Thomas H. Wilson
In 480 BC, the Persians under Xerxes invaded Greece. A small Greek army assembled at Thermopylae to oppose the Persian hordes. Plutarch records that Xerxes wrote to Leonidas, King of Sparta and leader of the Greek forces: “Lay down your arms,” to which Leonidas famously replied, “Come and take them.” Trying another tact, the Persian emissary to the Greeks threatened, “Our forces are so numerous, our arrows will darken the skies.” In reply, Leonidas’ general remarked, “Then we shall fight in the shade.” The Spartans died to a man at Thermopylae. Herodotus records Simonides’ commemorative epigram, inscribed at the site in ancient times:
“Go tell the Spartans, thou who passeth by,
That here, obedient to their laws, we lie.”
Why do such stories so captivate us? There was high drama and a lot at stake at Thermopylae, for Leonidas personally, for the Greek army particularly, and for Greek civilization in general.
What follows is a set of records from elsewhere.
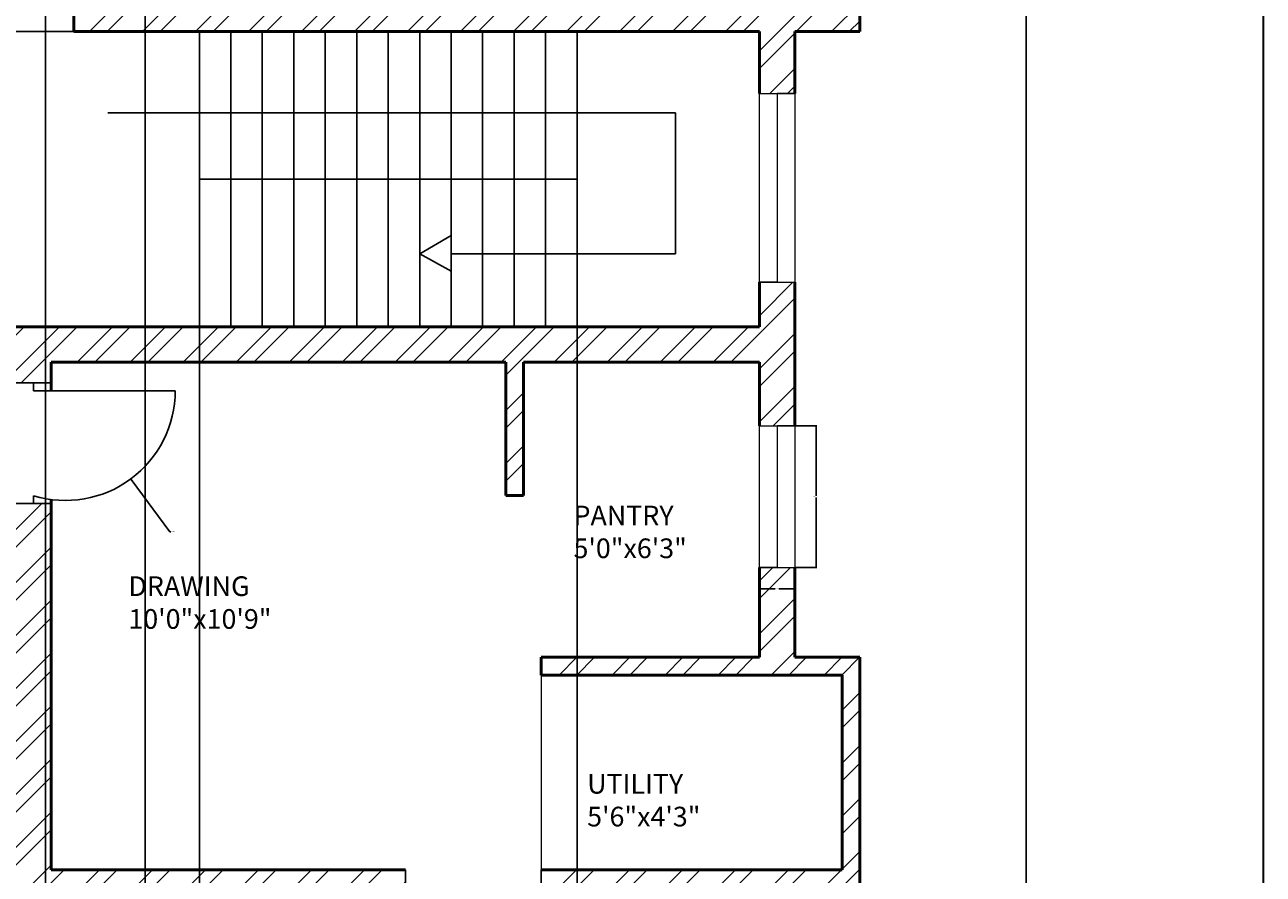
# Model space of a CAD drawing. Units: inches. Extents: x 1896 to 2572, y 1528 to 2474.
# Tile 5 of 10: x 2257 to 2572, y 1817 to 2033. Entities that reach past the tile are written whole.
import ezdxf

# ---------------------------------------------------------------- set-up
doc = ezdxf.new("R2010")
doc.units = ezdxf.units.IN
for name, color, linetype, lineweight in [('A-ANNO-DIMS', 2, 'Continuous', 18), ('A-ANNO-TTLB', 7, 'Continuous', 35), ('A-AREA-IDEN', 7, 'Continuous', 18), ('A-DOOR', 11, 'Continuous', 25), ('A-FLOR', 7, 'Continuous', 18), ('A-FLOR-STRS', 71, 'Continuous', 25), ('A-GLAZ', 131, 'Continuous', 20), ('A-WALL', 7, 'Continuous', 50)]:
    doc.layers.add(name, color=color, linetype=linetype, lineweight=lineweight)
doc.layers.add('A-WALL-PATT', color=215, linetype='Continuous', lineweight=13, true_color=0xa953a0)
doc.styles.get("Standard").update_dxf_attribs({"font": 'arial.ttf'})
doc.dimstyles.get("Standard").update_dxf_attribs({"dimtxt": 0.18, "dimasz": 0.18, "dimexe": 0.18, "dimexo": 0.0625, "dimgap": 0.09, "dimtad": 0, "dimtih": 1, "dimtoh": 1, "dimdec": 4, "dimzin": 0, "dimdsep": 46, "dimtxsty": 'Standard', "dimcen": 0.09, "dimadec": 0, "dimazin": 0, "dimtfac": 1, "dimtdec": 4, "dimtofl": 0, "dimtmove": 0, "dimatfit": 3, "dimfxl": 1, "dimtolj": 1, "dimtzin": 0, "dimarcsym": 0})

# ---------------------------------------------------------------- blocks, each defined once
blk = doc.blocks.new('WIN-36IN')
for p, q in [((0, 36), (9, 36)), ((0, 0), (0, 36)), ((9, 36), (4.5, 36)), ((4.5, 36), (4.5, 0)), ((9, 36), (9, 0)), ((4.5, 0), (0, 0)), ((0, 0), (9, 0))]:
    blk.add_line(p, q)
blk = doc.blocks.new('*D15')
at = {"layer": 'A-ANNO-DIMS', "color": 0, "lineweight": -2, "transparency": 16777216}
for p, q in [((2452.68, 1930.73), (2458.2, 1930.73)), ((2458.02, 1930.55), (2458.02, 1912.91)), ((2458.02, 1894.91), (2458.02, 1912.55)), ((2452.68, 1894.73), (2458.2, 1894.73))]:
    blk.add_line(p, q, dxfattribs=at)
at = {"layer": 'A-ANNO-DIMS', "color": 0, "transparency": 16777216}
for points in [[(2457.99, 1930.55), (2458.05, 1930.55), (2458.02, 1930.73)], [(2457.99, 1894.91), (2458.05, 1894.91), (2458.02, 1894.73)]]:
    blk.add_solid(points, dxfattribs=at)
at = {"layer": 'Defpoints', "color": 0, "transparency": 16777216}
for p in [(2452.62, 1930.73), (2458.02, 1930.73), (2452.62, 1894.73)]:
    blk.add_point(p, dxfattribs=at)
at = {"layer": 'A-ANNO-DIMS', "color": 0, "transparency": 16777216, "insert": (2458.02, 1912.73), "char_height": 0.18, "attachment_point": 5}
blk.add_mtext('\\A1;WDW 36 TYP.', dxfattribs=at)
blk = doc.blocks.new('*D16')
at = {"layer": 'A-ANNO-DIMS', "color": 0, "lineweight": -2, "transparency": 16777216}
for p, q in [((2443.62, 1894.67), (2443.62, 1889.15)), ((2452.62, 1894.67), (2452.62, 1889.15)), ((2443.8, 1889.33), (2447.66, 1889.33)), ((2452.44, 1889.33), (2448.58, 1889.33))]:
    blk.add_line(p, q, dxfattribs=at)
at = {"layer": 'A-ANNO-DIMS', "color": 0, "transparency": 16777216}
for points in [[(2443.8, 1889.36), (2443.8, 1889.3), (2443.62, 1889.33)], [(2452.44, 1889.36), (2452.44, 1889.3), (2452.62, 1889.33)]]:
    blk.add_solid(points, dxfattribs=at)
at = {"layer": 'Defpoints', "color": 0, "transparency": 16777216}
for p in [(2443.62, 1894.73), (2452.62, 1894.73), (2452.62, 1889.33)]:
    blk.add_point(p, dxfattribs=at)
at = {"layer": 'A-ANNO-DIMS', "color": 0, "transparency": 16777216, "insert": (2448.12, 1889.33), "char_height": 0.18, "attachment_point": 5}
blk.add_mtext('\\A1;9 TYP.', dxfattribs=at)
blk = doc.blocks.new('*D20')
at = {"layer": 'A-ANNO-DIMS', "color": 0, "lineweight": -2, "transparency": 16777216}
for p, q in [((2180.68, 2431.4), (2511.65, 2431.4)), ((2511.47, 2431.22), (2511.47, 2049.83)), ((2511.47, 1668.08), (2511.47, 2049.47)), ((2452.68, 1667.9), (2511.65, 1667.9))]:
    blk.add_line(p, q, dxfattribs=at)
at = {"layer": 'A-ANNO-DIMS', "color": 0, "transparency": 16777216}
for points in [[(2511.44, 2431.22), (2511.5, 2431.22), (2511.47, 2431.4)], [(2511.44, 1668.08), (2511.5, 1668.08), (2511.47, 1667.9)]]:
    blk.add_solid(points, dxfattribs=at)
at = {"layer": 'Defpoints', "color": 0, "transparency": 16777216}
for p in [(2180.62, 2431.4), (2511.47, 2431.4), (2452.62, 1667.9)]:
    blk.add_point(p, dxfattribs=at)
at = {"layer": 'A-ANNO-DIMS', "color": 0, "transparency": 16777216, "insert": (2511.47, 2049.65), "char_height": 0.18, "attachment_point": 5}
blk.add_mtext('\\A1;763.5', dxfattribs=at)
blk = doc.blocks.new('*D31')
at = {"layer": 'A-ANNO-DIMS', "color": 0, "lineweight": -2, "transparency": 16777216}
for p, q in [((2301.2, 2030.9), (1919.59, 2030.9)), ((1919.77, 2030.72), (1919.77, 1993.58)), ((1919.77, 1956.08), (1919.77, 1993.22)), ((2301.2, 1955.9), (1919.59, 1955.9))]:
    blk.add_line(p, q, dxfattribs=at)
at = {"layer": 'A-ANNO-DIMS', "color": 0, "transparency": 16777216}
for points in [[(1919.74, 2030.72), (1919.8, 2030.72), (1919.77, 2030.9)], [(1919.74, 1956.08), (1919.8, 1956.08), (1919.77, 1955.9)]]:
    blk.add_solid(points, dxfattribs=at)
at = {"layer": 'Defpoints', "color": 0, "transparency": 16777216}
for p in [(1919.77, 2030.9), (2301.26, 2030.9), (2301.26, 1955.9)]:
    blk.add_point(p, dxfattribs=at)
at = {"layer": 'A-ANNO-DIMS', "color": 0, "transparency": 16777216, "insert": (1919.77, 1993.4), "char_height": 0.18, "attachment_point": 5}
blk.add_mtext('\\A1;75', dxfattribs=at)
blk = doc.blocks.new('*D32')
at = {"layer": 'A-ANNO-DIMS', "color": 0, "lineweight": -2, "transparency": 16777216}
for p, q in [((2301.26, 1955.84), (2301.26, 1549.1)), ((2397.26, 1955.84), (2397.26, 1549.1)), ((2301.44, 1549.28), (2349.04, 1549.28)), ((2397.08, 1549.28), (2349.48, 1549.28))]:
    blk.add_line(p, q, dxfattribs=at)
at = {"layer": 'A-ANNO-DIMS', "color": 0, "transparency": 16777216}
for points in [[(2301.44, 1549.31), (2301.44, 1549.25), (2301.26, 1549.28)], [(2397.08, 1549.31), (2397.08, 1549.25), (2397.26, 1549.28)]]:
    blk.add_solid(points, dxfattribs=at)
at = {"layer": 'Defpoints', "color": 0, "transparency": 16777216}
for p in [(2301.26, 1955.9), (2397.26, 1955.9), (2397.26, 1549.28)]:
    blk.add_point(p, dxfattribs=at)
at = {"layer": 'A-ANNO-DIMS', "color": 0, "transparency": 16777216, "insert": (2349.26, 1549.28), "char_height": 0.18, "attachment_point": 5}
blk.add_mtext('\\A1;96', dxfattribs=at)
blk = doc.blocks.new('*D35')
at = {"layer": 'A-ANNO-DIMS', "color": 0, "lineweight": -2, "transparency": 16777216}
for p, q in [((2262.12, 2373.34), (2262.12, 1549.1)), ((2287.46, 2373.34), (2287.46, 1549.1)), ((2262.3, 1549.28), (2274.4, 1549.28)), ((2287.28, 1549.28), (2275.19, 1549.28))]:
    blk.add_line(p, q, dxfattribs=at)
at = {"layer": 'A-ANNO-DIMS', "color": 0, "transparency": 16777216}
for points in [[(2262.3, 1549.31), (2262.3, 1549.25), (2262.12, 1549.28)], [(2287.28, 1549.31), (2287.28, 1549.25), (2287.46, 1549.28)]]:
    blk.add_solid(points, dxfattribs=at)
at = {"layer": 'Defpoints', "color": 0, "transparency": 16777216}
for p in [(2262.12, 2373.4), (2287.46, 2373.4), (2287.46, 1549.28)]:
    blk.add_point(p, dxfattribs=at)
at = {"layer": 'A-ANNO-DIMS', "color": 0, "transparency": 16777216, "insert": (2274.79, 1549.28), "char_height": 0.18, "attachment_point": 5}
blk.add_mtext('\\A1;25.34', dxfattribs=at)
blk = doc.blocks.new('*D40')
at = {"layer": 'A-ANNO-DIMS', "color": 0, "lineweight": -2, "transparency": 16777216}
for p, q in [((2267.16, 1939.64), (2267.34, 1939.64)), ((2267.25, 1939.55), (2267.25, 1939.73)), ((2293.79, 1903.8), (2283.95, 1917.09)), ((2293.97, 1903.8), (2293.79, 1903.8))]:
    blk.add_line(p, q, dxfattribs=at)
at = {"layer": 'A-ANNO-DIMS', "color": 0, "transparency": 16777216}
blk.add_solid([(2283.97, 1917.11), (2283.92, 1917.07), (2283.84, 1917.24)], dxfattribs=at)
at = {"layer": 'Defpoints', "color": 0, "transparency": 16777216}
for p in [(2267.25, 1939.64), (2283.84, 1917.24)]:
    blk.add_point(p, dxfattribs=at)
at = {"layer": 'A-ANNO-DIMS', "color": 0, "transparency": 16777216, "insert": (2294.52, 1903.8), "char_height": 0.18, "attachment_point": 5}
blk.add_mtext('\\A1;R27.873', dxfattribs=at)

msp = doc.modelspace()

# ---------------------------------------------------------------- hatches: boundary and pattern name
at = {"layer": 'A-WALL-PATT'}
h = msp.add_hatch(dxfattribs=at)
h.set_pattern_fill('ANSI32', color=256)
h.paths.add_polyline_path([(2071.6224, 2382.3979), (2071.6224, 2422.3979), (2110.6224, 2422.3979), (2110.6224, 2382.3979), (2110.6224, 2357.5961), (2119.6224, 2357.5961), (2119.6224, 2422.3979), (2171.6224, 2422.3979), (2171.6224, 2373.3979), (2193.5093, 2373.3979), (2193.5093, 2377.8979), (2193.5093, 2382.3979), (2180.6224, 2382.3979), (2180.6224, 2431.3979), (2171.6224, 2431.3979), (2119.6224, 2431.3979), (2110.6224, 2431.3979), (2062.6224, 2431.3979), (2062.6224, 2422.3979), (2062.6224, 2382.3979), (1978.6224, 2382.3979), (1978.6224, 2313.0337), (1987.6224, 2313.0337), (1987.6224, 2373.3979), (2062.6224, 2373.3979), (2067.1224, 2373.3979), (2067.1224, 2353.7982), (2071.6224, 2353.8883)])
h.paths.add_polyline_path([(2287.4624, 2382.3979), (2229.5093, 2382.3979), (2229.5093, 2373.3979), (2253.1224, 2373.3979), (2253.1224, 2175.8979), (2247.1039, 2175.8979), (2247.1039, 2166.8979), (2253.1224, 2166.8979), (2253.1224, 2150.8283), (2262.1224, 2150.8283), (2262.1224, 2166.8979), (2262.1224, 2236.8979), (2349.0731, 2236.8979), (2349.0731, 2239.1479), (2349.0731, 2241.3979), (2262.1224, 2241.3979), (2262.1224, 2373.3979), (2287.4624, 2373.3979)])
h.paths.add_polyline_path([(2452.6224, 2382.3979), (2347.4624, 2382.3979), (2347.4624, 2373.3979), (2382.1224, 2373.3979), (2382.1224, 2334.0335), (2386.6224, 2334.0335), (2386.6224, 2373.3979), (2443.6224, 2373.3979), (2443.6224, 2316.2056), (2452.6224, 2316.2056)])
h.paths.add_polyline_path([(2452.6224, 2292.2056), (2448.1224, 2292.2056), (2443.6224, 2292.2056), (2443.6224, 2292.0047), (2443.6224, 2280.9372), (2443.6224, 2268.3979), (2386.6224, 2268.3979), (2386.6224, 2312.4044), (2384.3724, 2312.4044), (2382.1224, 2312.4044), (2382.1224, 2241.3979), (2379.1336, 2241.3979), (2379.1336, 2236.8979), (2386.6224, 2236.8979), (2386.6224, 2263.8979), (2443.6224, 2263.8979), (2443.6224, 2248.8449), (2452.6224, 2248.8449)])
h.paths.add_polyline_path([(2364.1285, 2116.8979), (2262.1224, 2116.8979), (2262.1224, 2120.5401), (2257.6224, 2120.5401), (2253.1224, 2120.5401), (2253.1224, 2107.8979), (2262.1224, 2107.8979), (2269.354, 2107.8979), (2269.354, 2094.0702), (2278.354, 2094.0702), (2278.354, 2107.8979), (2347.6224, 2107.8979), (2347.6224, 2039.8979), (2278.354, 2039.8979), (2278.354, 2054.7605), (2269.354, 2054.7605), (2269.354, 2030.8979), (2278.354, 2030.8979), (2443.6224, 2030.8979), (2443.6224, 2015.198), (2452.6224, 2015.198), (2452.6224, 2030.8979), (2464.6224, 2030.8979), (2469.1224, 2030.8979), (2469.1224, 2117.0352), (2452.6767, 2116.9466), (2452.6285, 2125.8979), (2452.6224, 2125.8979), (2452.6224, 2212.8449), (2443.6224, 2212.8449), (2443.6224, 2116.8979), (2385.832, 2116.8979), (2385.832, 2112.3979), (2385.832, 2107.8979), (2464.6224, 2107.8979), (2464.6224, 2039.8979), (2443.6224, 2039.8979), (2356.6224, 2039.8979), (2356.6224, 2107.8979), (2364.1285, 2107.8979)])
h.paths.add_polyline_path([(2452.6224, 1967.198), (2443.6224, 1967.198), (2443.6224, 1955.8979), (2259.1224, 1955.8979), (2254.6224, 1955.8979), (2254.6224, 1941.6358), (2263.6224, 1941.6358), (2263.6224, 1946.8979), (2379.1224, 1946.8979), (2379.1224, 1913.0204), (2383.6224, 1913.0204), (2383.6224, 1946.8979), (2443.6224, 1946.8979), (2443.6224, 1930.729), (2452.6224, 1930.729)])
h.paths.add_polyline_path([(2469.1224, 1871.8979), (2464.6224, 1871.8979), (2452.6224, 1871.8979), (2452.6224, 1894.729), (2443.6224, 1894.729), (2443.6224, 1871.8979), (2388.1304, 1871.8979), (2388.1304, 1867.3979), (2443.6224, 1867.3979), (2464.6224, 1867.3979), (2464.6224, 1817.8979), (2443.6224, 1817.8979), (2388.1304, 1817.8979), (2388.1304, 1815.6479), (2388.1304, 1813.3979), (2391.1224, 1813.3979), (2391.1224, 1747.8899), (2395.6224, 1747.8899), (2395.6224, 1813.3979), (2443.6224, 1813.3979), (2443.6224, 1781.4434), (2452.6224, 1781.4434), (2452.6224, 1813.3979), (2464.6224, 1813.3979), (2469.1224, 1813.3979)])
h.paths.add_polyline_path([(2263.6224, 1910.9737), (2259.1224, 1910.9737), (2254.6224, 1910.9737), (2254.6224, 1889.8979), (2251.2778, 1889.8979), (2251.2778, 1880.8979), (2254.6224, 1880.8979), (2254.6224, 1817.8979), (2254.6224, 1754.8979), (2254.6224, 1693.3979), (2254.6224, 1684.3979), (2254.6224, 1672.3979), (2200.6224, 1672.3979), (2200.6224, 1684.3979), (2200.6224, 1693.3979), (2200.6224, 1754.8979), (2196.1224, 1754.8979), (2196.1224, 1693.3979), (2150.0488, 1693.3979), (2150.0488, 1684.3979), (2196.1224, 1684.3979), (2196.1224, 1672.3979), (2196.1224, 1667.8979), (2254.6224, 1667.8979), (2259.1224, 1667.8979), (2259.1224, 1693.3979), (2259.1224, 1813.3979), (2353.6224, 1813.3979), (2353.6224, 1815.6479), (2353.6224, 1817.8979), (2263.6224, 1817.8979)])
h.paths.add_polyline_path([(2391.1224, 1693.3979), (2345.6981, 1693.3979), (2345.6981, 1684.3979), (2391.1224, 1684.3979)])
h.paths.add_polyline_path([(2285.6981, 1693.3979), (2259.1224, 1693.3979), (2259.1224, 1684.3979), (2285.6981, 1684.3979), (2285.6981, 1688.8979)], flags=17)
h.paths.add_polyline_path([(2452.6224, 1757.4434), (2448.1224, 1757.4434), (2443.6224, 1757.4434), (2443.6224, 1726.3979), (2395.6224, 1726.3979), (2395.6224, 1728.6572), (2393.3724, 1728.6572), (2391.1224, 1728.6572), (2391.1224, 1717.6723), (2395.6224, 1717.6723), (2395.6224, 1721.8979), (2443.6224, 1721.8979), (2443.6224, 1714.8), (2452.6224, 1714.8)])
h.paths.add_polyline_path([(2452.6224, 1684.3979), (2452.6224, 1690.8), (2443.6224, 1690.8), (2443.6224, 1679.8979), (2443.6224, 1672.3979), (2395.6224, 1672.3979), (2395.6224, 1695.6708), (2391.1224, 1695.5986), (2391.1224, 1672.3979), (2391.1224, 1667.8979), (2452.6224, 1667.8979)])
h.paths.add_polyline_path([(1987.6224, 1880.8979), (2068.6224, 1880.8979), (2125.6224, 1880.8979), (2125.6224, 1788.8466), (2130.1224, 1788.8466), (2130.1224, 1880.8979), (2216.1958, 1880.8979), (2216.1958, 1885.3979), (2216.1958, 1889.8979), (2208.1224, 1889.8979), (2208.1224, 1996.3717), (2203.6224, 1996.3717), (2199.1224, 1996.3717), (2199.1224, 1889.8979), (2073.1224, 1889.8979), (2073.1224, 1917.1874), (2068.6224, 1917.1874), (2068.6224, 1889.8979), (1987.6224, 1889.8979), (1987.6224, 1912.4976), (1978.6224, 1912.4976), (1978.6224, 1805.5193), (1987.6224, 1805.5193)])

Leonidas honored his commitment to stand firm, and he and his men died to protect their homeland. We know elements of the story from Plutarch (AD c. 46-120), who was one of the world’s first biographers. His view that "The world of man is best captured through the lives of the men who created history" is perhaps the first expression of great man historiography. Also, Plutarch’s emphasis on the moral aspects of his subjects more than biographical facts is certainly an important aspect in the history of biography.
Why write biography or autobiography? In autobiography, the author controls the story and may introduce whatever slant he or she wishes. The autobiographer may wish to relate the story objectively, but this is difficult even with the best of intentions. Julius Caesar wrote his war commentaries on the campaigns in Gaul in the third person.
This allowed Caesar to claim a greater objectivity than perhaps existed, and to praise himself more fulsomely than might be possible in a first person narrative. Bernal Díaz del Castillo, who accompanied Cortés on the conquest of Mexico, declared his objectivity and stated his motivation in telling the story of the conquest (writing c. 1568):
That which I have myself seen and the fighting I have gone thorough, with the help of God, I will describe quite simply, as a fair eye witness without twisting events one way or another. I am now an old man, over eighty-four years of age, and I have lost my sight and hearing, and, as luck would have it, I have gained nothing of value to leave to my children and descendants but this my true story, and they will presently find out what a wonderful story it is.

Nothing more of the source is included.